There are different types of nodes in a Hadoop cluster, and their requirements for disk are different. The primary (master) node focuses on storage reliability, and data nodes require better read and write performance and larger capacity.
In a virtual cluster, storage (datastore) can be divided into two types: local and shared. Local storage can only be accessed by virtual machines on the host on which it resides, while shared storage is accessible to virtual machines on other hosts. Local storage has better read and write performance, and shared storage is more reliable.
The algorithm for disk deployment provides the optimal storage scheme for different types of Hadoop nodes based on user input.

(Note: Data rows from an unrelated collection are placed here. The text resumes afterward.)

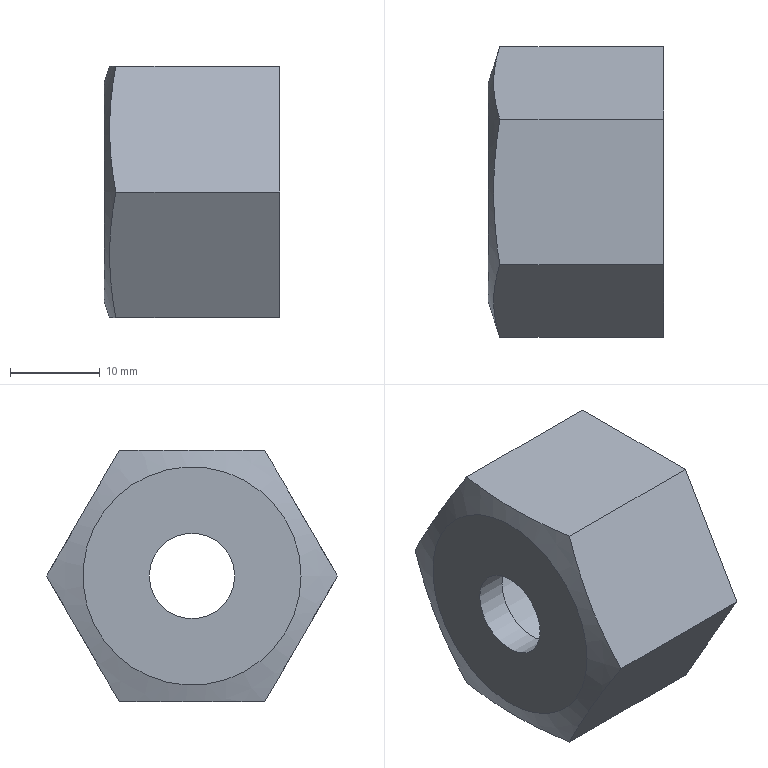Component | NX | LARGE_NUT | 1 solid | 12 faces | box 19.5 x 32.33 x 28 mm | volume 5656 mm3 | plane 9 | cylinder 2 | cone 1 | commonest cylinder face diameters 24 x1 9.5 x1
STEP:
#1=CARTESIAN_POINT('',(0.,0.,0.));
#2=DIRECTION('',(0.,0.,1.));
#3=DIRECTION('',(1.,0.,0.));
#4=AXIS2_PLACEMENT_3D('',#1,#2,#3);
#5=CARTESIAN_POINT('',(-168.222,-8.083,269.5));
#6=VERTEX_POINT('',#5);
#7=CARTESIAN_POINT('',(-150.,-8.083,269.5));
#8=VERTEX_POINT('',#7);
#9=CARTESIAN_POINT('',(-169.5,-8.083,269.5));
#10=DIRECTION('',(1.,0.,0.));
#11=VECTOR('',#10,1.);
#12=LINE('',#9,#11);
#13=CARTESIAN_POINT('',(-169.5,-16.166,255.5));
#14=DIRECTION('',(0.,0.866,-0.5));
#15=DIRECTION('',(0.,-0.5,-0.866));
#16=AXIS2_PLACEMENT_3D('',#13,#14,#15);
#17=PLANE('',#16);
#18=CARTESIAN_POINT('',(-16.166,0.));
#19=DIRECTION('',(0.,-1.));
#20=VECTOR('',#19,1.);
#21=LINE('',#18,#20);
#22=(GEOMETRIC_REPRESENTATION_CONTEXT(2)PARAMETRIC_REPRESENTATION_CONTEXT()REPRESENTATION_CONTEXT('',''));
#23=DEFINITIONAL_REPRESENTATION('',(#21),#22);
#24=PCURVE('',#17,#23);
#25=CARTESIAN_POINT('',(-169.5,-8.083,269.5));
#26=DIRECTION('',(0.,0.,-1.));
#27=DIRECTION('',(0.,-1.,-0.));
#28=AXIS2_PLACEMENT_3D('',#25,#26,#27);
#29=PLANE('',#28);
#30=CARTESIAN_POINT('',(0.,0.));
#31=DIRECTION('',(0.,-1.));
#32=VECTOR('',#31,1.);
#33=LINE('',#30,#32);
#34=(GEOMETRIC_REPRESENTATION_CONTEXT(2)PARAMETRIC_REPRESENTATION_CONTEXT()REPRESENTATION_CONTEXT('',''));
#35=DEFINITIONAL_REPRESENTATION('',(#33),#34);
#36=PCURVE('',#29,#35);
#37=SURFACE_CURVE('',#12,(#24,#36),.PCURVE_S1.);
#38=EDGE_CURVE('',#6,#8,#37,.T.);
#39=ORIENTED_EDGE('',*,*,#38,.F.);
#40=CARTESIAN_POINT('',(-168.222,-16.166,255.5));
#41=VERTEX_POINT('',#40);
#42=CARTESIAN_POINT('',(-168.222,-8.083,269.5));
#43=CARTESIAN_POINT('',(-168.648,-9.43,267.167));
#44=CARTESIAN_POINT('',(-169.166,-12.124,262.5));
#45=CARTESIAN_POINT('',(-168.648,-14.819,257.833));
#46=CARTESIAN_POINT('',(-168.222,-16.166,255.5));
#47=B_SPLINE_CURVE_WITH_KNOTS('',3,(#42,#43,#44,#45,#46),.UNSPECIFIED.,.F.,.F.,(4,1,4),(0.,0.5,1.),.QUASI_UNIFORM_KNOTS.);
#48=CARTESIAN_POINT('',(-16.166,-1.278));
#49=CARTESIAN_POINT('',(-13.472,-0.8519));
#50=CARTESIAN_POINT('',(-8.083,-0.3342));
#51=CARTESIAN_POINT('',(-2.694,-0.8519));
#52=CARTESIAN_POINT('',(0.,-1.278));
#53=B_SPLINE_CURVE_WITH_KNOTS('',3,(#48,#49,#50,#51,#52),.UNSPECIFIED.,.F.,.F.,(4,1,4),(0.,0.5,1.),.QUASI_UNIFORM_KNOTS.);
#54=(GEOMETRIC_REPRESENTATION_CONTEXT(2)PARAMETRIC_REPRESENTATION_CONTEXT()REPRESENTATION_CONTEXT('',''));
#55=DEFINITIONAL_REPRESENTATION('',(#53),#54);
#56=PCURVE('',#17,#55);
#57=CARTESIAN_POINT('',(-169.5,-0.,255.5));
#58=DIRECTION('',(1.,0.,0.));
#59=DIRECTION('',(0.,-1.,0.));
#60=AXIS2_PLACEMENT_3D('',#57,#58,#59);
#61=CONICAL_SURFACE('',#60,12.124,1.265);
#62=CARTESIAN_POINT('',(5.236,1.278));
#63=CARTESIAN_POINT('',(5.249,1.239));
#64=CARTESIAN_POINT('',(5.276,1.164));
#65=CARTESIAN_POINT('',(5.318,1.061));
#66=CARTESIAN_POINT('',(5.362,0.966));
#67=CARTESIAN_POINT('',(5.407,0.8809));
#68=CARTESIAN_POINT('',(5.454,0.8058));
#69=CARTESIAN_POINT('',(5.503,0.7413));
#70=CARTESIAN_POINT('',(5.552,0.6878));
#71=CARTESIAN_POINT('',(5.603,0.6458));
#72=CARTESIAN_POINT('',(5.655,0.6155));
#73=CARTESIAN_POINT('',(5.707,0.5972));
#74=CARTESIAN_POINT('',(5.76,0.591));
#75=CARTESIAN_POINT('',(5.812,0.5972));
#76=CARTESIAN_POINT('',(5.864,0.6155));
#77=CARTESIAN_POINT('',(5.916,0.6458));
#78=CARTESIAN_POINT('',(5.967,0.6878));
#79=CARTESIAN_POINT('',(6.016,0.7413));
#80=CARTESIAN_POINT('',(6.065,0.8058));
#81=CARTESIAN_POINT('',(6.112,0.8809));
#82=CARTESIAN_POINT('',(6.157,0.966));
#83=CARTESIAN_POINT('',(6.201,1.061));
#84=CARTESIAN_POINT('',(6.243,1.164));
#85=CARTESIAN_POINT('',(6.27,1.239));
#86=CARTESIAN_POINT('',(6.283,1.278));
#87=B_SPLINE_CURVE_WITH_KNOTS('',3,(#62,#63,#64,#65,#66,#67,#68,#69,#70,#71,#72,#73,#74,#75,#76,#77,#78,#79,#80,#81,#82,#83,#84,#85,#86),.UNSPECIFIED.,.F.,.F.,(4,1,1,1,1,1,1,1,1,1,1,1,1,1,1,1,1,1,1,1,1,1,4),(0.,0.04545,0.09091,0.1364,0.1818,0.2273,0.2727,0.3182,0.3636,0.4091,0.4545,0.5,0.5455,0.5909,0.6364,0.6818,0.7273,0.7727,0.8182,0.8636,0.9091,0.9545,1.),.QUASI_UNIFORM_KNOTS.);
#88=(GEOMETRIC_REPRESENTATION_CONTEXT(2)PARAMETRIC_REPRESENTATION_CONTEXT()REPRESENTATION_CONTEXT('',''));
#89=DEFINITIONAL_REPRESENTATION('',(#87),#88);
#90=PCURVE('',#61,#89);
#91=SURFACE_CURVE('',#47,(#56,#90),.PCURVE_S1.);
#92=EDGE_CURVE('',#6,#41,#91,.T.);
#93=ORIENTED_EDGE('',*,*,#92,.T.);
#94=CARTESIAN_POINT('',(-150.,-16.166,255.5));
#95=VERTEX_POINT('',#94);
#96=CARTESIAN_POINT('',(-169.5,-16.166,255.5));
#97=DIRECTION('',(1.,0.,0.));
#98=VECTOR('',#97,1.);
#99=LINE('',#96,#98);
#100=CARTESIAN_POINT('',(0.,0.));
#101=DIRECTION('',(0.,-1.));
#102=VECTOR('',#101,1.);
#103=LINE('',#100,#102);
#104=(GEOMETRIC_REPRESENTATION_CONTEXT(2)PARAMETRIC_REPRESENTATION_CONTEXT()REPRESENTATION_CONTEXT('',''));
#105=DEFINITIONAL_REPRESENTATION('',(#103),#104);
#106=PCURVE('',#17,#105);
#107=CARTESIAN_POINT('',(-169.5,-8.083,241.5));
#108=DIRECTION('',(0.,0.866,0.5));
#109=DIRECTION('',(0.,0.5,-0.866));
#110=AXIS2_PLACEMENT_3D('',#107,#108,#109);
#111=PLANE('',#110);
#112=CARTESIAN_POINT('',(-16.166,0.));
#113=DIRECTION('',(0.,-1.));
#114=VECTOR('',#113,1.);
#115=LINE('',#112,#114);
#116=(GEOMETRIC_REPRESENTATION_CONTEXT(2)PARAMETRIC_REPRESENTATION_CONTEXT()REPRESENTATION_CONTEXT('',''));
#117=DEFINITIONAL_REPRESENTATION('',(#115),#116);
#118=PCURVE('',#111,#117);
#119=SURFACE_CURVE('',#99,(#106,#118),.PCURVE_S1.);
#120=EDGE_CURVE('',#41,#95,#119,.T.);
#121=ORIENTED_EDGE('',*,*,#120,.T.);
#122=CARTESIAN_POINT('',(-150.,-16.166,255.5));
#123=DIRECTION('',(0.,0.5,0.866));
#124=VECTOR('',#123,1.);
#125=LINE('',#122,#124);
#126=CARTESIAN_POINT('',(0.,-19.5));
#127=DIRECTION('',(-1.,0.));
#128=VECTOR('',#127,1.);
#129=LINE('',#126,#128);
#130=(GEOMETRIC_REPRESENTATION_CONTEXT(2)PARAMETRIC_REPRESENTATION_CONTEXT()REPRESENTATION_CONTEXT('',''));
#131=DEFINITIONAL_REPRESENTATION('',(#129),#130);
#132=PCURVE('',#17,#131);
#133=CARTESIAN_POINT('',(-150.,-0.,255.5));
#134=DIRECTION('',(-1.,0.,0.));
#135=DIRECTION('',(0.,1.,0.));
#136=AXIS2_PLACEMENT_3D('',#133,#134,#135);
#137=PLANE('',#136);
#138=CARTESIAN_POINT('',(-16.166,0.));
#139=DIRECTION('',(0.5,-0.866));
#140=VECTOR('',#139,1.);
#141=LINE('',#138,#140);
#142=(GEOMETRIC_REPRESENTATION_CONTEXT(2)PARAMETRIC_REPRESENTATION_CONTEXT()REPRESENTATION_CONTEXT('',''));
#143=DEFINITIONAL_REPRESENTATION('',(#141),#142);
#144=PCURVE('',#137,#143);
#145=SURFACE_CURVE('',#125,(#132,#144),.PCURVE_S1.);
#146=EDGE_CURVE('',#95,#8,#145,.T.);
#147=ORIENTED_EDGE('',*,*,#146,.T.);
#148=EDGE_LOOP('',(#39,#93,#121,#147));
#149=FACE_BOUND('',#148,.T.);
#150=ADVANCED_FACE('',(#149),#17,.F.);
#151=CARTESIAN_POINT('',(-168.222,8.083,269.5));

First look at the master node in the Hadoop cluster. Shared storage is necessary because the primary node requires higher reliability and is typically configured with vsphere high-availability (high availability) and fault tolerant (Fault tolerance) features. The following is a fragment of a JSON-formatted configuration file that shows how to specify the storage for the primary group of nodes.
1 {
2 "nodegroups": [
3 {
4 "name": "Master",
5 "Roles": [
6 "Hadoop_namenode",
7 "Hadoop_jobtracker"
8],
9 "Instancenum": 1,
"Instancetype": "LARGE",
One "Cpunum": 2,
"MEMCAPACITYMB": 4096,
"Storage": {
"Type": "SHARED",
"SIZEGB": 20
16},
"Haflag": "On",
"Rpnames": [
"Rp1"
20]
21},
Starting at line 13th is about the configuration of the store, specifying the storage using the shared type (line 14th "type": "Shared") with a size of 20GB. Line 17th "Haflag": "On" Specifies the high Availability (HA) attribute to use vsphere. Serengeti allocates a shared type of storage to the primary node when allocating disk.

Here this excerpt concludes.